2. Tumour size on day 8 (peak of tumour size) in mice vaccinated with the indicated lentivector-transduced DCs. Group combinations from two different experiments have been combined in a single graph, and are separated with a vertical dotted line. Means from each group are indicated within the graph with horizontal lines. Statistical comparisons were performed using the Kruskall–Wallis non-parametric test. *, significant differences.

3. As in (B), but representing the Kaplan–Meier survival plots. Vaccination groups are indicated within the plots. Statistical significance was tested with the log-rank test. *, significant differences; ***, highly significant differences.
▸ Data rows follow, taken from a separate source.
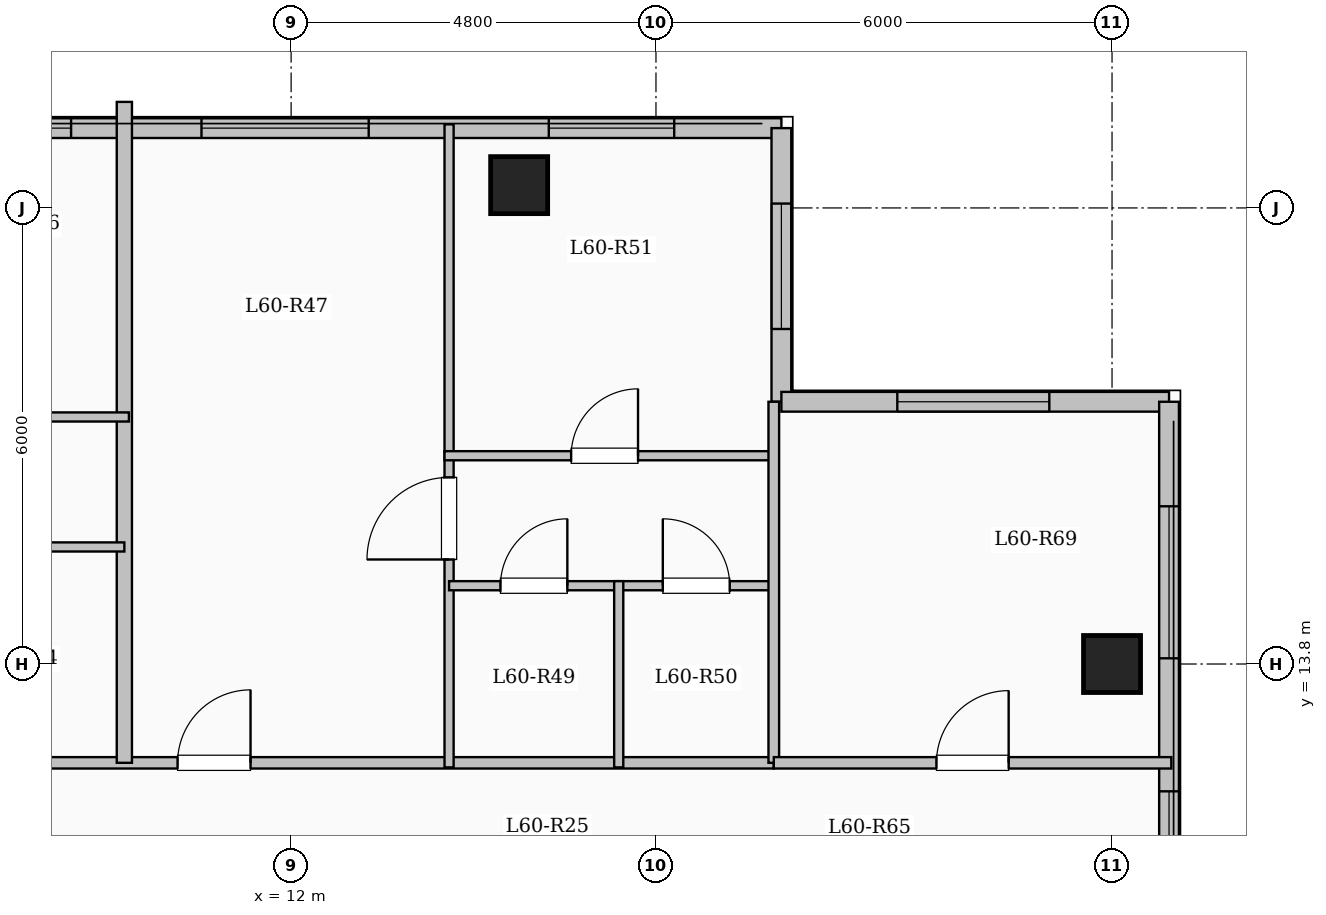
"""IFC4 building model, lengths in metres.
Left out: names, types, materials, properties, quantities, classifications, styles, units other than length and angle.
Written with IfcOpenShell. Run it as: python <this file> out.ifc"""

import sys

from ifc_helpers import new_model, si_unit, direction, frame, frame_2d, origin, origin_2d, place, context, subcontext, project, spatial, rectangle, extrude, element, fill, save


model = new_model("IFC4")
c1 = context("Model", 3, precision=1e-05, world=origin(), true_north=direction((0.0, 1.0)))
c2 = subcontext(c1, "Body", "Model", "MODEL_VIEW")
j1 = project(units=[si_unit("LENGTHUNIT", "METRE"), si_unit("PLANEANGLEUNIT", "RADIAN")], contexts=[c1])
p1 = place(None, origin())
s1 = spatial("IfcSite", under=j1, at=p1, CompositionType="ELEMENT")
p2 = place(p1, origin())
s2 = spatial("IfcBuilding", under=s1, at=p2, CompositionType="ELEMENT")
p3 = place(p2, frame((0.0, 0.0, 220.4)))
s3 = spatial("IfcBuildingStorey", under=s2, at=p3, CompositionType="ELEMENT", Elevation=220.4)
for number, where, z_axis, x_axis in (
    (1, (15.0, 20.1, 0.0), (0.0, 0.0, 1.0), (1.0, 0.0, 0.0)),
    (2, (22.8, 13.8, 0.0), (0.0, 0.0, 1.0), (1.0, 0.0, 0.0)),
):
    element("IfcColumn", number, at=place(p3, frame(where, z_axis=z_axis, x_axis=x_axis)), inside=s3, PredefinedType="COLUMN", context=c2, shape_type="SweptSolid", body=[
        extrude(rectangle(XDim=0.75, YDim=0.75, at=origin_2d()), origin(), (0.0, 0.0, 1.0), 3.35),
    ])
p4 = place(p3, frame((7.35, 20.85, 0.0), z_axis=(0.0, 0.0, 1.0), x_axis=(1.0, 0.0, 0.0)))
e3 = element("IfcWall", 3, at=p4, inside=s3, PredefinedType="SOLIDWALL", context=c2, shape_type="SweptSolid", body=[
    extrude(rectangle(XDim=11.1, YDim=0.26, at=frame_2d((5.55, 0.0))), origin(), (0.0, 0.0, 1.0), 3.1),
])
p5 = place(p4, frame((0.555, 0.0, 0.95)))
e4 = element("IfcOpeningElement", 4, at=p5, cuts=e3, PredefinedType="OPENING", context=c2, shape_type="SweptSolid", body=[
    extrude(rectangle(XDim=1.2, YDim=1.5, at=frame_2d((0.6, 0.75))), frame((0.0, 0.14, 0.0), z_axis=(0.0, -1.0, 0.0), x_axis=(1.0, 0.0, 0.0)), (0.0, 0.0, 1.0), 0.28),
])
p6 = place(p4, frame((3.471, 0.0, 0.9)))
e5 = element("IfcOpeningElement", 5, at=p6, cuts=e3, PredefinedType="OPENING", context=c2, shape_type="SweptSolid", body=[
    extrude(rectangle(XDim=2.2, YDim=1.75, at=frame_2d((1.1, 0.875))), frame((0.0, 0.14, 0.0), z_axis=(0.0, -1.0, 0.0), x_axis=(1.0, 0.0, 0.0)), (0.0, 0.0, 1.0), 0.28),
])
p7 = place(p4, frame((8.04, 0.0, 0.9)))
e6 = element("IfcOpeningElement", 6, at=p7, cuts=e3, PredefinedType="OPENING", context=c2, shape_type="SweptSolid", body=[
    extrude(rectangle(XDim=1.65, YDim=1.6, at=frame_2d((0.825, 0.8))), frame((0.0, 0.14, 0.0), z_axis=(0.0, -1.0, 0.0), x_axis=(1.0, 0.0, 0.0)), (0.0, 0.0, 1.0), 0.28),
])
p8 = place(p3, frame((18.45, 20.85, 0.0), z_axis=(0.0, 0.0, 1.0), x_axis=(0.0, -1.0, 0.0)))
e7 = element("IfcWall", 7, at=p8, inside=s3, PredefinedType="SOLIDWALL", context=c2, shape_type="SweptSolid", body=[
    extrude(rectangle(XDim=3.6, YDim=0.26, at=frame_2d((1.8, 0.0))), origin(), (0.0, 0.0, 1.0), 3.1),
])
p9 = place(p8, frame((0.992, 0.0, 0.9)))
e8 = element("IfcOpeningElement", 8, at=p9, cuts=e7, PredefinedType="OPENING", context=c2, shape_type="SweptSolid", body=[
    extrude(rectangle(XDim=1.65, YDim=1.6, at=frame_2d((0.825, 0.8))), frame((0.0, 0.14, 0.0), z_axis=(0.0, -1.0, 0.0), x_axis=(1.0, 0.0, 0.0)), (0.0, 0.0, 1.0), 0.28),
])
p10 = place(p3, frame((18.45, 17.25, 0.0), z_axis=(0.0, 0.0, 1.0), x_axis=(1.0, 0.0, 0.0)))
e9 = element("IfcWall", 9, at=p10, inside=s3, PredefinedType="SOLIDWALL", context=c2, shape_type="SweptSolid", body=[
    extrude(rectangle(XDim=5.1, YDim=0.26, at=frame_2d((2.55, 0.0))), origin(), (0.0, 0.0, 1.0), 3.1),
])
p11 = place(p10, frame((1.525, 0.0, 0.9)))
e10 = element("IfcOpeningElement", 10, at=p11, cuts=e9, PredefinedType="OPENING", context=c2, shape_type="SweptSolid", body=[
    extrude(rectangle(XDim=2.0, YDim=1.7, at=frame_2d((1.0, 0.85))), frame((0.0, 0.14, 0.0), z_axis=(0.0, -1.0, 0.0), x_axis=(1.0, 0.0, 0.0)), (0.0, 0.0, 1.0), 0.28),
])
p12 = place(p3, frame((23.55, 17.25, 0.0), z_axis=(0.0, 0.0, 1.0), x_axis=(0.0, -1.0, 0.0)))
e11 = element("IfcWall", 11, at=p12, inside=s3, PredefinedType="SOLIDWALL", context=c2, shape_type="SweptSolid", body=[
    extrude(rectangle(XDim=34.5, YDim=0.26, at=frame_2d((17.25, 0.0))), origin(), (0.0, 0.0, 1.0), 3.1),
])
p13 = place(p12, frame((1.375, 0.0, 0.9)))
e12 = element("IfcOpeningElement", 12, at=p13, cuts=e11, PredefinedType="OPENING", context=c2, shape_type="SweptSolid", body=[
    extrude(rectangle(XDim=2.0, YDim=1.7, at=frame_2d((1.0, 0.85))), frame((0.0, 0.14, 0.0), z_axis=(0.0, -1.0, 0.0), x_axis=(1.0, 0.0, 0.0)), (0.0, 0.0, 1.0), 0.28),
])
p14 = place(p12, frame((5.125, 0.0, 0.95)))
e13 = element("IfcOpeningElement", 13, at=p14, cuts=e11, PredefinedType="OPENING", context=c2, shape_type="SweptSolid", body=[
    extrude(rectangle(XDim=1.0, YDim=1.5, at=frame_2d((0.5, 0.75))), frame((0.0, 0.14, 0.0), z_axis=(0.0, -1.0, 0.0), x_axis=(1.0, 0.0, 0.0)), (0.0, 0.0, 1.0), 0.28),
])
p15 = place(p12, frame((8.375, 0.0, 0.9)))
e14 = element("IfcOpeningElement", 14, at=p15, cuts=e11, PredefinedType="OPENING", context=c2, shape_type="SweptSolid", body=[
    extrude(rectangle(XDim=2.0, YDim=1.7, at=frame_2d((1.0, 0.85))), frame((0.0, 0.14, 0.0), z_axis=(0.0, -1.0, 0.0), x_axis=(1.0, 0.0, 0.0)), (0.0, 0.0, 1.0), 0.28),
])
p16 = place(p12, frame((13.2, 0.0, 0.9)))
e15 = element("IfcOpeningElement", 15, at=p16, cuts=e11, PredefinedType="OPENING", context=c2, shape_type="SweptSolid", body=[
    extrude(rectangle(XDim=1.65, YDim=1.6, at=frame_2d((0.825, 0.8))), frame((0.0, 0.14, 0.0), z_axis=(0.0, -1.0, 0.0), x_axis=(1.0, 0.0, 0.0)), (0.0, 0.0, 1.0), 0.28),
])
p17 = place(p12, frame((19.05, 0.0, 0.9)))
e16 = element("IfcOpeningElement", 16, at=p17, cuts=e11, PredefinedType="OPENING", context=c2, shape_type="SweptSolid", body=[
    extrude(rectangle(XDim=2.2, YDim=1.75, at=frame_2d((1.1, 0.875))), frame((0.0, 0.14, 0.0), z_axis=(0.0, -1.0, 0.0), x_axis=(1.0, 0.0, 0.0)), (0.0, 0.0, 1.0), 0.28),
])
p18 = place(p12, frame((24.975, 0.0, 0.95)))
e17 = element("IfcOpeningElement", 17, at=p18, cuts=e11, PredefinedType="OPENING", context=c2, shape_type="SweptSolid", body=[
    extrude(rectangle(XDim=1.2, YDim=1.5, at=frame_2d((0.6, 0.75))), frame((0.0, 0.14, 0.0), z_axis=(0.0, -1.0, 0.0), x_axis=(1.0, 0.0, 0.0)), (0.0, 0.0, 1.0), 0.28),
])
p19 = place(p12, frame((29.475, 0.0, 0.9)))
e18 = element("IfcOpeningElement", 18, at=p19, cuts=e11, PredefinedType="OPENING", context=c2, shape_type="SweptSolid", body=[
    extrude(rectangle(XDim=2.2, YDim=1.75, at=frame_2d((1.1, 0.875))), frame((0.0, 0.14, 0.0), z_axis=(0.0, -1.0, 0.0), x_axis=(1.0, 0.0, 0.0)), (0.0, 0.0, 1.0), 0.28),
])
p20 = place(p3, frame((3.85, 12.5, 0.0), z_axis=(0.0, 0.0, 1.0), x_axis=(1.0, 0.0, 0.0)))
e19 = element("IfcWall", 19, at=p20, inside=s3, PredefinedType="PARTITIONING", context=c2, shape_type="SweptSolid", body=[
    extrude(rectangle(XDim=14.5, YDim=0.15, at=frame_2d((7.25, 0.0))), origin(), (0.0, 0.0, 1.0), 3.1),
])
p21 = place(p20, frame((0.7, 0.0, 0.0)))
e20 = element("IfcOpeningElement", 20, at=p21, cuts=e19, PredefinedType="OPENING", context=c2, shape_type="SweptSolid", body=[
    extrude(rectangle(XDim=0.96, YDim=2.15, at=frame_2d((0.48, 1.075))), frame((0.0, 0.085, 0.0), z_axis=(0.0, -1.0, 0.0), x_axis=(1.0, 0.0, 0.0)), (0.0, 0.0, 1.0), 0.17),
])
p22 = place(p20, frame((6.656, 0.0, 0.0)))
e21 = element("IfcOpeningElement", 21, at=p22, cuts=e19, PredefinedType="OPENING", context=c2, shape_type="SweptSolid", body=[
    extrude(rectangle(XDim=0.96, YDim=2.15, at=frame_2d((0.48, 1.075))), frame((0.0, 0.085, 0.0), z_axis=(0.0, -1.0, 0.0), x_axis=(1.0, 0.0, 0.0)), (0.0, 0.0, 1.0), 0.17),
])
p23 = place(p3, frame((9.806, 12.5, 0.0), z_axis=(0.0, 0.0, 1.0), x_axis=(0.0, 1.0, 0.0)))
e22 = element("IfcWall", 22, at=p23, inside=s3, PredefinedType="SOLIDWALL", context=c2, shape_type="SweptSolid", body=[
    extrude(rectangle(XDim=8.695, YDim=0.2, at=frame_2d((4.348, 0.0))), origin(), (0.0, 0.0, 1.0), 3.1),
])
p24 = place(p3, frame((6.95, 15.34, 0.0), z_axis=(0.0, 0.0, 1.0), x_axis=(1.0, 0.0, 0.0)))
e23 = element("IfcWall", 23, at=p24, inside=s3, PredefinedType="PARTITIONING", context=c2, shape_type="SweptSolid", body=[
    extrude(rectangle(XDim=2.856, YDim=0.12, at=frame_2d((1.428, 0.0))), origin(), (0.0, 0.0, 1.0), 2.725),
])
p25 = place(p24, frame((0.988, 0.0, 0.0)))
e24 = element("IfcOpeningElement", 24, at=p25, cuts=e23, PredefinedType="OPENING", context=c2, shape_type="SweptSolid", body=[
    extrude(rectangle(XDim=0.88, YDim=2.1, at=frame_2d((0.44, 1.05))), frame((0.0, 0.07, 0.0), z_axis=(0.0, -1.0, 0.0), x_axis=(1.0, 0.0, 0.0)), (0.0, 0.0, 1.0), 0.14),
])
p26 = place(p3, frame((4.204, 17.05, 0.0), z_axis=(0.0, 0.0, 1.0), x_axis=(1.0, 0.0, 0.0)))
e25 = element("IfcWall", 25, at=p26, inside=s3, PredefinedType="PARTITIONING", context=c2, shape_type="SweptSolid", body=[
    extrude(rectangle(XDim=5.662, YDim=0.12, at=frame_2d((2.831, 0.0))), origin(), (0.0, 0.0, 1.0), 2.725),
])
p27 = place(p26, frame((0.93, 0.0, 0.0)))
e26 = element("IfcOpeningElement", 26, at=p27, cuts=e25, PredefinedType="OPENING", context=c2, shape_type="SweptSolid", body=[
    extrude(rectangle(XDim=0.88, YDim=2.1, at=frame_2d((0.44, 1.05))), frame((0.0, 0.07, 0.0), z_axis=(0.0, -1.0, 0.0), x_axis=(1.0, 0.0, 0.0)), (0.0, 0.0, 1.0), 0.14),
])
p28 = place(p26, frame((3.671, 0.0, 0.0)))
e27 = element("IfcOpeningElement", 27, at=p28, cuts=e25, PredefinedType="OPENING", context=c2, shape_type="SweptSolid", body=[
    extrude(rectangle(XDim=0.88, YDim=2.1, at=frame_2d((0.44, 1.05))), frame((0.0, 0.07, 0.0), z_axis=(0.0, -1.0, 0.0), x_axis=(1.0, 0.0, 0.0)), (0.0, 0.0, 1.0), 0.14),
])
p29 = place(p3, frame((14.078, 12.44, 0.0), z_axis=(0.0, 0.0, 1.0), x_axis=(0.0, 1.0, 0.0)))
e28 = element("IfcWall", 28, at=p29, inside=s3, PredefinedType="PARTITIONING", context=c2, shape_type="SweptSolid", body=[
    extrude(rectangle(XDim=8.46, YDim=0.12, at=frame_2d((4.23, 0.0))), origin(), (0.0, 0.0, 1.0), 3.1),
])
p30 = place(p29, frame((2.735, 0.0, 0.0)))
e29 = element("IfcOpeningElement", 29, at=p30, cuts=e28, PredefinedType="OPENING", context=c2, shape_type="SweptSolid", body=[
    extrude(rectangle(XDim=1.08, YDim=2.15, at=frame_2d((0.54, 1.075))), frame((0.0, 0.07, 0.0), z_axis=(0.0, -1.0, 0.0), x_axis=(1.0, 0.0, 0.0)), (0.0, 0.0, 1.0), 0.14),
])
p31 = place(p3, frame((14.078, 14.83, 0.0), z_axis=(0.0, 0.0, 1.0), x_axis=(1.0, 0.0, 0.0)))
e30 = element("IfcWall", 30, at=p31, inside=s3, PredefinedType="PARTITIONING", context=c2, shape_type="SweptSolid", body=[
    extrude(rectangle(XDim=2.232, YDim=0.12, at=frame_2d((1.116, 0.0))), origin(), (0.0, 0.0, 1.0), 3.1),
])
p32 = place(p31, frame((0.676, 0.0, 0.0)))
e31 = element("IfcOpeningElement", 31, at=p32, cuts=e30, PredefinedType="OPENING", context=c2, shape_type="SweptSolid", body=[
    extrude(rectangle(XDim=0.88, YDim=2.1, at=frame_2d((0.44, 1.05))), frame((0.0, 0.07, 0.0), z_axis=(0.0, -1.0, 0.0), x_axis=(1.0, 0.0, 0.0)), (0.0, 0.0, 1.0), 0.14),
])
p33 = place(p3, frame((16.31, 14.83, 0.0), z_axis=(0.0, 0.0, 1.0), x_axis=(1.0, 0.0, 0.0)))
e32 = element("IfcWall", 32, at=p33, inside=s3, PredefinedType="PARTITIONING", context=c2, shape_type="SweptSolid", body=[
    extrude(rectangle(XDim=2.04, YDim=0.12, at=frame_2d((1.02, 0.0))), origin(), (0.0, 0.0, 1.0), 3.1),
])
p34 = place(p33, frame((0.58, 0.0, 0.0)))
e33 = element("IfcOpeningElement", 33, at=p34, cuts=e32, PredefinedType="OPENING", context=c2, shape_type="SweptSolid", body=[
    extrude(rectangle(XDim=0.88, YDim=2.1, at=frame_2d((0.44, 1.05))), frame((0.0, 0.07, 0.0), z_axis=(0.0, -1.0, 0.0), x_axis=(1.0, 0.0, 0.0)), (0.0, 0.0, 1.0), 0.14),
])
p35 = place(p3, frame((14.018, 16.54, 0.0), z_axis=(0.0, 0.0, 1.0), x_axis=(1.0, 0.0, 0.0)))
e34 = element("IfcWall", 34, at=p35, inside=s3, PredefinedType="PARTITIONING", context=c2, shape_type="SweptSolid", body=[
    extrude(rectangle(XDim=4.392, YDim=0.12, at=frame_2d((2.196, 0.0))), origin(), (0.0, 0.0, 1.0), 3.1),
])
p36 = place(p35, frame((1.666, 0.0, 0.0)))
e35 = element("IfcOpeningElement", 35, at=p36, cuts=e34, PredefinedType="OPENING", context=c2, shape_type="SweptSolid", body=[
    extrude(rectangle(XDim=0.88, YDim=2.1, at=frame_2d((0.44, 1.05))), frame((0.0, 0.07, 0.0), z_axis=(0.0, -1.0, 0.0), x_axis=(1.0, 0.0, 0.0)), (0.0, 0.0, 1.0), 0.14),
])
p37 = place(p3, frame((16.31, 12.44, 0.0), z_axis=(0.0, 0.0, 1.0), x_axis=(0.0, 1.0, 0.0)))
e36 = element("IfcWall", 36, at=p37, inside=s3, PredefinedType="PARTITIONING", context=c2, shape_type="SweptSolid", body=[
    extrude(rectangle(XDim=2.45, YDim=0.12, at=frame_2d((1.225, 0.0))), origin(), (0.0, 0.0, 1.0), 3.1),
])
p38 = place(p3, frame((18.35, 12.5, 0.0), z_axis=(0.0, 0.0, 1.0), x_axis=(0.0, 1.0, 0.0)))
e37 = element("IfcWall", 37, at=p38, inside=s3, PredefinedType="PARTITIONING", context=c2, shape_type="SweptSolid", body=[
    extrude(rectangle(XDim=4.75, YDim=0.14, at=frame_2d((2.375, 0.0))), origin(), (0.0, 0.0, 1.0), 3.1),
])
p39 = place(p3, frame((18.35, 12.5, 0.0), z_axis=(0.0, 0.0, 1.0), x_axis=(1.0, 0.0, 0.0)))
e38 = element("IfcWall", 38, at=p39, inside=s3, PredefinedType="PARTITIONING", context=c2, shape_type="SweptSolid", body=[
    extrude(rectangle(XDim=5.23, YDim=0.15, at=frame_2d((2.615, 0.0))), origin(), (0.0, 0.0, 1.0), 3.1),
])
p40 = place(p39, frame((2.14, 0.0, 0.0)))
e39 = element("IfcOpeningElement", 39, at=p40, cuts=e38, PredefinedType="OPENING", context=c2, shape_type="SweptSolid", body=[
    extrude(rectangle(XDim=0.95, YDim=2.15, at=frame_2d((0.475, 1.075))), frame((0.0, 0.085, 0.0), z_axis=(0.0, -1.0, 0.0), x_axis=(1.0, 0.0, 0.0)), (0.0, 0.0, 1.0), 0.17),
])
p41 = place(p5, origin())
e40 = element("IfcWindow", 40, at=p41, inside=s3, PartitioningType="SINGLE_PANEL", PredefinedType="WINDOW", context=c2, shape_type="SweptSolid", body=[
    extrude(rectangle(XDim=1.2, YDim=1.5, at=frame_2d((0.6, 0.75))), frame((0.0, 0.03, 0.0), z_axis=(0.0, -1.0, 0.0), x_axis=(1.0, 0.0, 0.0)), (0.0, 0.0, 1.0), 0.06),
])
fill(e4, e40)
p42 = place(p6, origin())
e41 = element("IfcWindow", 41, at=p42, inside=s3, PartitioningType="SINGLE_PANEL", PredefinedType="WINDOW", context=c2, shape_type="SweptSolid", body=[
    extrude(rectangle(XDim=2.2, YDim=1.75, at=frame_2d((1.1, 0.875))), frame((0.0, 0.03, 0.0), z_axis=(0.0, -1.0, 0.0), x_axis=(1.0, 0.0, 0.0)), (0.0, 0.0, 1.0), 0.06),
])
fill(e5, e41)
p43 = place(p7, origin())
e42 = element("IfcWindow", 42, at=p43, inside=s3, PartitioningType="SINGLE_PANEL", PredefinedType="WINDOW", context=c2, shape_type="SweptSolid", body=[
    extrude(rectangle(XDim=1.65, YDim=1.6, at=frame_2d((0.825, 0.8))), frame((0.0, 0.03, 0.0), z_axis=(0.0, -1.0, 0.0), x_axis=(1.0, 0.0, 0.0)), (0.0, 0.0, 1.0), 0.06),
])
fill(e6, e42)
p44 = place(p9, origin())
e43 = element("IfcWindow", 43, at=p44, inside=s3, PartitioningType="SINGLE_PANEL", PredefinedType="WINDOW", context=c2, shape_type="SweptSolid", body=[
    extrude(rectangle(XDim=1.65, YDim=1.6, at=frame_2d((0.825, 0.8))), frame((0.0, 0.03, 0.0), z_axis=(0.0, -1.0, 0.0), x_axis=(1.0, 0.0, 0.0)), (0.0, 0.0, 1.0), 0.06),
])
fill(e8, e43)
p45 = place(p11, origin())
e44 = element("IfcWindow", 44, at=p45, inside=s3, PartitioningType="SINGLE_PANEL", PredefinedType="WINDOW", context=c2, shape_type="SweptSolid", body=[
    extrude(rectangle(XDim=2.0, YDim=1.7, at=frame_2d((1.0, 0.85))), frame((0.0, 0.03, 0.0), z_axis=(0.0, -1.0, 0.0), x_axis=(1.0, 0.0, 0.0)), (0.0, 0.0, 1.0), 0.06),
])
fill(e10, e44)
p46 = place(p13, origin())
e45 = element("IfcWindow", 45, at=p46, inside=s3, PartitioningType="SINGLE_PANEL", PredefinedType="WINDOW", context=c2, shape_type="SweptSolid", body=[
    extrude(rectangle(XDim=2.0, YDim=1.7, at=frame_2d((1.0, 0.85))), frame((0.0, 0.03, 0.0), z_axis=(0.0, -1.0, 0.0), x_axis=(1.0, 0.0, 0.0)), (0.0, 0.0, 1.0), 0.06),
])
fill(e12, e45)
p47 = place(p14, origin())
e46 = element("IfcWindow", 46, at=p47, inside=s3, PartitioningType="SINGLE_PANEL", PredefinedType="WINDOW", context=c2, shape_type="SweptSolid", body=[
    extrude(rectangle(XDim=1.0, YDim=1.5, at=frame_2d((0.5, 0.75))), frame((0.0, 0.03, 0.0), z_axis=(0.0, -1.0, 0.0), x_axis=(1.0, 0.0, 0.0)), (0.0, 0.0, 1.0), 0.06),
])
fill(e13, e46)
p48 = place(p22, origin())
e47 = element("IfcDoor", 47, at=p48, inside=s3, OperationType="SINGLE_SWING_RIGHT", PredefinedType="DOOR", context=c2, shape_type="SweptSolid", body=[
    extrude(rectangle(XDim=0.96, YDim=2.15, at=frame_2d((0.48, 1.075))), frame((0.0, 0.025, 0.0), z_axis=(0.0, -1.0, 0.0), x_axis=(1.0, 0.0, 0.0)), (0.0, 0.0, 1.0), 0.05),
])
fill(e21, e47)
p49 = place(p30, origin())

Figure 8. PD-1-dependent early brake model of T cell activation

1. Antigen presenting cell (APC; top) presents antigen in the context of MHC. T cell TCR recognizes the antigen (together with CD80–CD28 binding, not shown for simplification purposes) and leads to activating signal transduction. PD-1 surface expression is up-regulated.

2. PD-1 on the surface engages with PD-L1 on the APC's surface, leading to recruitment of SHP phosphatases and up-regulating Cbl-b expression.

3. SHP and Cbl-b de-phosphorylate and inactivate by ubiquitination, respectively, key components of the TCR signal transduction machinery.

4. Cbl-b either triggers TCR down-modulation, or shifts the recycling equilibrium towards retention of TCR complexes.